You say: “It [Praxeology] is strictly a theory of human action.” It is obviously beyond your horizon that human action is the realm of the so-called social sciences (psychology, sociology, anthropology, political science, history, etc.). Economics is about the behavior of the monetary economy. So, economics is a system science (2014). The so-called social sciences have been accurately characterized by Feynman as cargo cult sciences (see Wikipedia). Praxeology is a case in point.

So there is no need at all to clarify the finer points of Praxeology just as there is no need to quarrel about whether geocentrism worked with 20 or 25 epicycles because geocentrism has been buried long ago and everybody — except Flat-Earthers and Austrians — understands by now that epicycles are NONENTITIES like angels and the Easter Bunny.

You say: “But we are not God, and we are not superhuman. We are human.” Trivially true, but not much follows from brain-dead tautologies.

Folk psychology and the "subtle and sophisticated process of self-reflection" is not economics. Praxeology is scientific garbage and more is not to say about it.

Science is well-defined as formal and empirical consistency (Klant, 1994, p. 31). No genuine scientist ever had a problem with this definition. Curiously, those who are known not to have produced one tiny piece of science can exactly explain why the scientific method does not work.

Here is the collection of the most ridiculous excuses: “Economics is a strange sort of discipline. The booby traps I mentioned often make it sound as if it is all just a matter of opinion. That is not so. Economics is not a Science with a capital S. It lacks the experimental method as a way of testing hypotheses. . . . There are always differences of opinion at the cutting edge of a science, . . . . But they last longer in economics . . . and there are reasons for that. As already mentioned, rival theories cannot be put to an experimental test. All there is to observe is history, and history does not conduct experiments: too many things are always happening at once. The inferences that can be made from history are always uncertain, always disputable, . . . You can’t even count on a long and undisturbed run of history, because the ‘laws’ of behavior change and evolve. Excuses, excuses. But the point is not to provide excuses. (Solow, 1998, x-xi)

The obvious explanation is missing: the scientific incompetence of economists. The first thing to understand is that there are no ‘laws of behavior’ but that there are objective and testable systemic laws.

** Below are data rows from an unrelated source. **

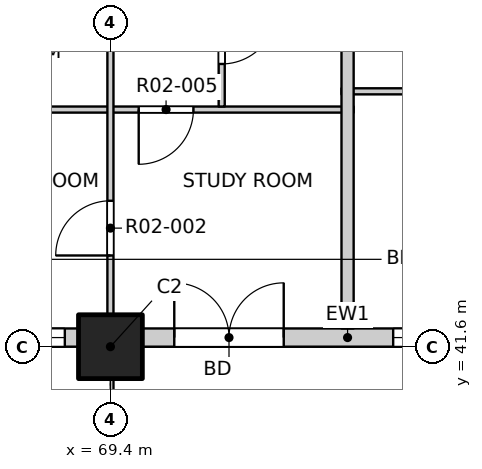
"""IFC4 building model, lengths in metres.
Left out: names, types, materials, properties, quantities, classifications, styles, units other than length and angle.
Written with IfcOpenShell. Run it as: python <this file> out.ifc"""

import sys

from ifc_helpers import new_model, si_unit, direction, frame, frame_2d, origin, origin_2d, place, context, subcontext, project, spatial, rectangle, extrude, element, fill, save


model = new_model("IFC4")
c1 = context("Model", 3, precision=1e-05, world=origin(), true_north=direction((0.0, 1.0)))
c2 = subcontext(c1, "Body", "Model", "MODEL_VIEW")
j1 = project(units=[si_unit("LENGTHUNIT", "METRE"), si_unit("PLANEANGLEUNIT", "RADIAN")], contexts=[c1])
p1 = place(None, origin())
s1 = spatial("IfcSite", under=j1, at=p1, CompositionType="ELEMENT")
p2 = place(p1, origin())
s2 = spatial("IfcBuilding", under=s1, at=p2, CompositionType="ELEMENT")
p3 = place(p2, frame((0.0, 0.0, 36.5)))
s3 = spatial("IfcBuildingStorey", under=s2, at=p3, CompositionType="ELEMENT", Elevation=36.5)
p4 = place(p3, frame((69.4, 41.6, -0.25), z_axis=(0.0, 0.0, 1.0), x_axis=(1.0, 0.0, 0.0)))
e1 = element("IfcColumn", 1, at=p4, inside=s3, PredefinedType="COLUMN", context=c2, shape_type="SweptSolid", body=[
    extrude(rectangle(XDim=1.05, YDim=1.05, at=origin_2d()), origin(), (0.0, 0.0, 1.0), 3.4),
])
p5 = place(p3, frame((65.5, 41.75, 0.0), z_axis=(0.0, 0.0, 1.0), x_axis=(1.0, 0.0, 0.0)))
e2 = element("IfcWall", 2, at=p5, inside=s3, PredefinedType="SOLIDWALL", context=c2, shape_type="SweptSolid", body=[
    extrude(rectangle(XDim=3.375, YDim=0.3, at=frame_2d((1.688, 0.0))), origin(), (0.0, 0.0, 1.0), 2.7),
])
p6 = place(p5, frame((0.75, 0.0, 0.9)))
e3 = element("IfcOpeningElement", 3, at=p6, cuts=e2, PredefinedType="OPENING", context=c2, shape_type="SweptSolid", body=[
    extrude(rectangle(XDim=2.4, YDim=1.8, at=frame_2d((1.2, 0.9))), frame((0.0, 0.16, 0.0), z_axis=(0.0, -1.0, 0.0), x_axis=(1.0, 0.0, 0.0)), (0.0, 0.0, 1.0), 0.32),
])
p7 = place(p3, frame((69.925, 41.75, 0.0), z_axis=(0.0, 0.0, 1.0), x_axis=(1.0, 0.0, 0.0)))
e4 = element("IfcWall", 4, at=p7, inside=s3, PredefinedType="SOLIDWALL", context=c2, shape_type="SweptSolid", body=[
    extrude(rectangle(XDim=6.75, YDim=0.3, at=frame_2d((3.375, 0.0))), origin(), (0.0, 0.0, 1.0), 2.7),
])
p8 = place(p7, frame((0.525, 0.0, 0.0)))
e5 = element("IfcOpeningElement", 5, at=p8, cuts=e4, PredefinedType="OPENING", context=c2, shape_type="SweptSolid", body=[
    extrude(rectangle(XDim=1.8, YDim=2.4, at=frame_2d((0.9, 1.2))), frame((0.0, 0.16, 0.0), z_axis=(0.0, -1.0, 0.0), x_axis=(1.0, 0.0, 0.0)), (0.0, 0.0, 1.0), 0.32),
])
p9 = place(p7, frame((4.125, 0.0, 0.9)))
e6 = element("IfcOpeningElement", 6, at=p9, cuts=e4, PredefinedType="OPENING", context=c2, shape_type="SweptSolid", body=[
    extrude(rectangle(XDim=2.4, YDim=1.8, at=frame_2d((1.2, 0.9))), frame((0.0, 0.16, 0.0), z_axis=(0.0, -1.0, 0.0), x_axis=(1.0, 0.0, 0.0)), (0.0, 0.0, 1.0), 0.32),
])
p10 = place(p3, frame((61.9, 45.5, 0.0), z_axis=(0.0, 0.0, 1.0), x_axis=(1.0, 0.0, 0.0)))
e7 = element("IfcWall", 7, at=p10, inside=s3, PredefinedType="PARTITIONING", context=c2, shape_type="SweptSolid", body=[
    extrude(rectangle(XDim=11.5, YDim=0.1, at=frame_2d((5.75, 0.0))), origin(), (0.0, 0.0, 1.0), 3.15),
])
p11 = place(p10, frame((7.965, 0.0, 0.0)))
e8 = element("IfcOpeningElement", 8, at=p11, cuts=e7, PredefinedType="OPENING", context=c2, shape_type="SweptSolid", body=[
    extrude(rectangle(XDim=0.9, YDim=2.1, at=frame_2d((0.45, 1.05))), frame((0.0, 0.06, 0.0), z_axis=(0.0, -1.0, 0.0), x_axis=(1.0, 0.0, 0.0)), (0.0, 0.0, 1.0), 0.12),
])
p12 = place(p3, frame((73.2, 45.8, 0.0), z_axis=(0.0, 0.0, 1.0), x_axis=(1.0, 0.0, 0.0)))
e9 = element("IfcWall", 9, at=p12, inside=s3, PredefinedType="PARTITIONING", context=c2, shape_type="SweptSolid", body=[
    extrude(rectangle(XDim=8.0, YDim=0.1, at=frame_2d((4.0, 0.0))), origin(), (0.0, 0.0, 1.0), 3.15),
])
p13 = place(p12, frame((1.45, 0.0, 0.0)))
e10 = element("IfcOpeningElement", 10, at=p13, cuts=e9, PredefinedType="OPENING", context=c2, shape_type="SweptSolid", body=[
    extrude(rectangle(XDim=1.2, YDim=2.1, at=frame_2d((0.6, 1.05))), frame((0.0, 0.06, 0.0), z_axis=(0.0, -1.0, 0.0), x_axis=(1.0, 0.0, 0.0)), (0.0, 0.0, 1.0), 0.12),
])
p14 = place(p12, frame((4.525, 0.0, 0.0)))
e11 = element("IfcOpeningElement", 11, at=p14, cuts=e9, PredefinedType="OPENING", context=c2, shape_type="SweptSolid", body=[
    extrude(rectangle(XDim=0.9, YDim=2.1, at=frame_2d((0.45, 1.05))), frame((0.0, 0.06, 0.0), z_axis=(0.0, -1.0, 0.0), x_axis=(1.0, 0.0, 0.0)), (0.0, 0.0, 1.0), 0.12),
])
p15 = place(p12, frame((6.475, 0.0, 0.0)))
e12 = element("IfcOpeningElement", 12, at=p15, cuts=e9, PredefinedType="OPENING", context=c2, shape_type="SweptSolid", body=[
    extrude(rectangle(XDim=0.9, YDim=2.1, at=frame_2d((0.45, 1.05))), frame((0.0, 0.06, 0.0), z_axis=(0.0, -1.0, 0.0), x_axis=(1.0, 0.0, 0.0)), (0.0, 0.0, 1.0), 0.12),
])
p16 = place(p3, frame((69.4, 41.9, 0.0), z_axis=(0.0, 0.0, 1.0), x_axis=(0.0, 1.0, 0.0)))
e13 = element("IfcWall", 13, at=p16, inside=s3, PredefinedType="PARTITIONING", context=c2, shape_type="SweptSolid", body=[
    extrude(rectangle(XDim=46.2, YDim=0.1, at=frame_2d((23.1, 0.0))), origin(), (0.0, 0.0, 1.0), 3.15),
])
p17 = place(p16, frame((1.2, 0.0, 0.0)))
e14 = element("IfcOpeningElement", 14, at=p17, cuts=e13, PredefinedType="OPENING", context=c2, shape_type="SweptSolid", body=[
    extrude(rectangle(XDim=0.9, YDim=2.1, at=frame_2d((0.45, 1.05))), frame((0.0, 0.06, 0.0), z_axis=(0.0, -1.0, 0.0), x_axis=(1.0, 0.0, 0.0)), (0.0, 0.0, 1.0), 0.12),
])
p18 = place(p16, frame((5.1, 0.0, 0.0)))
e15 = element("IfcOpeningElement", 15, at=p18, cuts=e13, PredefinedType="OPENING", context=c2, shape_type="SweptSolid", body=[
    extrude(rectangle(XDim=0.9, YDim=2.1, at=frame_2d((0.45, 1.05))), frame((0.0, 0.06, 0.0), z_axis=(0.0, -1.0, 0.0), x_axis=(1.0, 0.0, 0.0)), (0.0, 0.0, 1.0), 0.12),
])
p19 = place(p16, frame((9.975, 0.0, 0.0)))
e16 = element("IfcOpeningElement", 16, at=p19, cuts=e13, PredefinedType="OPENING", context=c2, shape_type="SweptSolid", body=[
    extrude(rectangle(XDim=0.9, YDim=2.1, at=frame_2d((0.45, 1.05))), frame((0.0, 0.06, 0.0), z_axis=(0.0, -1.0, 0.0), x_axis=(1.0, 0.0, 0.0)), (0.0, 0.0, 1.0), 0.12),
])
p20 = place(p16, frame((12.9, 0.0, 0.0)))
e17 = element("IfcOpeningElement", 17, at=p20, cuts=e13, PredefinedType="OPENING", context=c2, shape_type="SweptSolid", body=[
    extrude(rectangle(XDim=0.9, YDim=2.1, at=frame_2d((0.45, 1.05))), frame((0.0, 0.06, 0.0), z_axis=(0.0, -1.0, 0.0), x_axis=(1.0, 0.0, 0.0)), (0.0, 0.0, 1.0), 0.12),
])
p21 = place(p16, frame((17.775, 0.0, 0.0)))
e18 = element("IfcOpeningElement", 18, at=p21, cuts=e13, PredefinedType="OPENING", context=c2, shape_type="SweptSolid", body=[
    extrude(rectangle(XDim=0.9, YDim=2.1, at=frame_2d((0.45, 1.05))), frame((0.0, 0.06, 0.0), z_axis=(0.0, -1.0, 0.0), x_axis=(1.0, 0.0, 0.0)), (0.0, 0.0, 1.0), 0.12),
])
p22 = place(p16, frame((21.5, 0.0, 0.0)))
e19 = element("IfcOpeningElement", 19, at=p22, cuts=e13, PredefinedType="OPENING", context=c2, shape_type="SweptSolid", body=[
    extrude(rectangle(XDim=0.9, YDim=2.1, at=frame_2d((0.45, 1.05))), frame((0.0, 0.06, 0.0), z_axis=(0.0, -1.0, 0.0), x_axis=(1.0, 0.0, 0.0)), (0.0, 0.0, 1.0), 0.12),
])
p23 = place(p16, frame((24.6, 0.0, 0.0)))
e20 = element("IfcOpeningElement", 20, at=p23, cuts=e13, PredefinedType="OPENING", context=c2, shape_type="SweptSolid", body=[
    extrude(rectangle(XDim=0.9, YDim=2.1, at=frame_2d((0.45, 1.05))), frame((0.0, 0.06, 0.0), z_axis=(0.0, -1.0, 0.0), x_axis=(1.0, 0.0, 0.0)), (0.0, 0.0, 1.0), 0.12),
])
p24 = place(p16, frame((29.3, 0.0, 0.0)))
e21 = element("IfcOpeningElement", 21, at=p24, cuts=e13, PredefinedType="OPENING", context=c2, shape_type="SweptSolid", body=[
    extrude(rectangle(XDim=0.9, YDim=2.1, at=frame_2d((0.45, 1.05))), frame((0.0, 0.06, 0.0), z_axis=(0.0, -1.0, 0.0), x_axis=(1.0, 0.0, 0.0)), (0.0, 0.0, 1.0), 0.12),
])
p25 = place(p16, frame((33.375, 0.0, 0.0)))
e22 = element("IfcOpeningElement", 22, at=p25, cuts=e13, PredefinedType="OPENING", context=c2, shape_type="SweptSolid", body=[
    extrude(rectangle(XDim=0.9, YDim=2.1, at=frame_2d((0.45, 1.05))), frame((0.0, 0.06, 0.0), z_axis=(0.0, -1.0, 0.0), x_axis=(1.0, 0.0, 0.0)), (0.0, 0.0, 1.0), 0.12),
])
p26 = place(p16, frame((37.1, 0.0, 0.0)))
e23 = element("IfcOpeningElement", 23, at=p26, cuts=e13, PredefinedType="OPENING", context=c2, shape_type="SweptSolid", body=[
    extrude(rectangle(XDim=0.9, YDim=2.1, at=frame_2d((0.45, 1.05))), frame((0.0, 0.06, 0.0), z_axis=(0.0, -1.0, 0.0), x_axis=(1.0, 0.0, 0.0)), (0.0, 0.0, 1.0), 0.12),
])
p27 = place(p16, frame((41.175, 0.0, 0.0)))
e24 = element("IfcOpeningElement", 24, at=p27, cuts=e13, PredefinedType="OPENING", context=c2, shape_type="SweptSolid", body=[
    extrude(rectangle(XDim=0.9, YDim=2.1, at=frame_2d((0.45, 1.05))), frame((0.0, 0.06, 0.0), z_axis=(0.0, -1.0, 0.0), x_axis=(1.0, 0.0, 0.0)), (0.0, 0.0, 1.0), 0.12),
])
p28 = place(p16, frame((44.1, 0.0, 0.0)))
e25 = element("IfcOpeningElement", 25, at=p28, cuts=e13, PredefinedType="OPENING", context=c2, shape_type="SweptSolid", body=[
    extrude(rectangle(XDim=0.9, YDim=2.1, at=frame_2d((0.45, 1.05))), frame((0.0, 0.06, 0.0), z_axis=(0.0, -1.0, 0.0), x_axis=(1.0, 0.0, 0.0)), (0.0, 0.0, 1.0), 0.12),
])
p29 = place(p3, frame((71.23, 45.55, 0.0), z_axis=(0.0, 0.0, 1.0), x_axis=(0.0, 1.0, 0.0)))
e26 = element("IfcWall", 26, at=p29, inside=s3, PredefinedType="PARTITIONING", context=c2, shape_type="SweptSolid", body=[
    extrude(rectangle(XDim=9.2, YDim=0.1, at=frame_2d((4.6, 0.0))), origin(), (0.0, 0.0, 1.0), 3.15),
])
p30 = place(p29, frame((0.7, 0.0, 0.0)))
e27 = element("IfcOpeningElement", 27, at=p30, cuts=e26, PredefinedType="OPENING", context=c2, shape_type="SweptSolid", body=[
    extrude(rectangle(XDim=0.9, YDim=2.1, at=frame_2d((0.45, 1.05))), frame((0.0, 0.06, 0.0), z_axis=(0.0, -1.0, 0.0), x_axis=(1.0, 0.0, 0.0)), (0.0, 0.0, 1.0), 0.12),
])
p31 = place(p29, frame((3.1, 0.0, 0.0)))
e28 = element("IfcOpeningElement", 28, at=p31, cuts=e26, PredefinedType="OPENING", context=c2, shape_type="SweptSolid", body=[
    extrude(rectangle(XDim=0.8, YDim=2.1, at=frame_2d((0.4, 1.05))), frame((0.0, 0.06, 0.0), z_axis=(0.0, -1.0, 0.0), x_axis=(1.0, 0.0, 0.0)), (0.0, 0.0, 1.0), 0.12),
])
p32 = place(p29, frame((5.4, 0.0, 0.0)))
e29 = element("IfcOpeningElement", 29, at=p32, cuts=e26, PredefinedType="OPENING", context=c2, shape_type="SweptSolid", body=[
    extrude(rectangle(XDim=0.8, YDim=2.1, at=frame_2d((0.4, 1.05))), frame((0.0, 0.06, 0.0), z_axis=(0.0, -1.0, 0.0), x_axis=(1.0, 0.0, 0.0)), (0.0, 0.0, 1.0), 0.12),
])
p33 = place(p29, frame((7.7, 0.0, 0.0)))
e30 = element("IfcOpeningElement", 30, at=p33, cuts=e26, PredefinedType="OPENING", context=c2, shape_type="SweptSolid", body=[
    extrude(rectangle(XDim=0.8, YDim=2.1, at=frame_2d((0.4, 1.05))), frame((0.0, 0.06, 0.0), z_axis=(0.0, -1.0, 0.0), x_axis=(1.0, 0.0, 0.0)), (0.0, 0.0, 1.0), 0.12),
])
p34 = place(p3, frame((73.3, 41.9, 0.0), z_axis=(0.0, 0.0, 1.0), x_axis=(0.0, 1.0, 0.0)))
e31 = element("IfcWall", 31, at=p34, inside=s3, PredefinedType="PARTITIONING", context=c2, shape_type="SweptSolid", body=[
    extrude(rectangle(XDim=11.3, YDim=0.2, at=frame_2d((5.65, 0.0))), origin(), (0.0, 0.0, 1.0), 3.15),
])
p35 = place(p6, origin())
e32 = element("IfcWindow", 32, at=p35, inside=s3, PartitioningType="DOUBLE_PANEL_VERTICAL", PredefinedType="WINDOW", context=c2, shape_type="SweptSolid", body=[
    extrude(rectangle(XDim=2.4, YDim=1.8, at=frame_2d((1.2, 0.9))), frame((0.0, 0.03, 0.0), z_axis=(0.0, -1.0, 0.0), x_axis=(1.0, 0.0, 0.0)), (0.0, 0.0, 1.0), 0.06),
])
fill(e3, e32)
p36 = place(p8, origin())
e33 = element("IfcDoor", 33, at=p36, inside=s3, OperationType="DOUBLE_DOOR_SINGLE_SWING", PredefinedType="DOOR", context=c2, shape_type="SweptSolid", body=[
    extrude(rectangle(XDim=1.8, YDim=2.4, at=frame_2d((0.9, 1.2))), frame((0.0, 0.025, 0.0), z_axis=(0.0, -1.0, 0.0), x_axis=(1.0, 0.0, 0.0)), (0.0, 0.0, 1.0), 0.05),
])
fill(e5, e33)
p37 = place(p9, origin())
e34 = element("IfcWindow", 34, at=p37, inside=s3, PartitioningType="DOUBLE_PANEL_VERTICAL", PredefinedType="WINDOW", context=c2, shape_type="SweptSolid", body=[
    extrude(rectangle(XDim=2.4, YDim=1.8, at=frame_2d((1.2, 0.9))), frame((0.0, 0.03, 0.0), z_axis=(0.0, -1.0, 0.0), x_axis=(1.0, 0.0, 0.0)), (0.0, 0.0, 1.0), 0.06),
])
fill(e6, e34)
p38 = place(p17, origin())
e35 = element("IfcDoor", 35, at=p38, inside=s3, OperationType="SINGLE_SWING_LEFT", PredefinedType="DOOR", context=c2, shape_type="SweptSolid", body=[
    extrude(rectangle(XDim=0.9, YDim=2.1, at=frame_2d((0.45, 1.05))), frame((0.0, 0.025, 0.0), z_axis=(0.0, -1.0, 0.0), x_axis=(1.0, 0.0, 0.0)), (0.0, 0.0, 1.0), 0.05),
])
fill(e14, e35)
p39 = place(p11, origin())
e36 = element("IfcDoor", 36, at=p39, inside=s3, OperationType="SINGLE_SWING_RIGHT", PredefinedType="DOOR", context=c2, shape_type="SweptSolid", body=[
    extrude(rectangle(XDim=0.9, YDim=2.1, at=frame_2d((0.45, 1.05))), frame((0.0, 0.025, 0.0), z_axis=(0.0, -1.0, 0.0), x_axis=(1.0, 0.0, 0.0)), (0.0, 0.0, 1.0), 0.05),
])
fill(e8, e36)
p40 = place(p30, origin())
e37 = element("IfcDoor", 37, at=p40, inside=s3, OperationType="SINGLE_SWING_LEFT", PredefinedType="DOOR", context=c2, shape_type="SweptSolid", body=[
    extrude(rectangle(XDim=0.9, YDim=2.1, at=frame_2d((0.45, 1.05))), frame((0.0, 0.025, 0.0), z_axis=(0.0, -1.0, 0.0), x_axis=(1.0, 0.0, 0.0)), (0.0, 0.0, 1.0), 0.05),
])
fill(e27, e37)
save(model, sys.argv[1])

After more than 200 years economists can still not tell the difference between profit and income. Economics is at the level of medieval physics before the concept of potential and kinetic energy was properly understood. Austrians, too, cannot explain how the economy works but they have any number of excuses for why they have achieved nothing of scientific value.

You say: “We’re pigeons playing chess, pooping on the board, and flying away.” Again trivially true, dear Austrians, but now take your poop and play somewhere else. As Shaw put it "People who say it cannot be done should not interrupt those who are doing it."


References
Kakarot-Handtke, E. (2014). Objective Principles of Economics. SSRN Working Paper Series, 2418851: 1–19. URL
Klant, J. J. (1994). The Nature of Economic Thought. Aldershot, Brookfield: Edward Elgar.
Solow, R. M. (1998). Foreword, volume William Breit and Roger L. Ranson: The Academic Scribblers. Princeton: Princeton University Press, 3rd edition.

Related 'The zombie wars are over'.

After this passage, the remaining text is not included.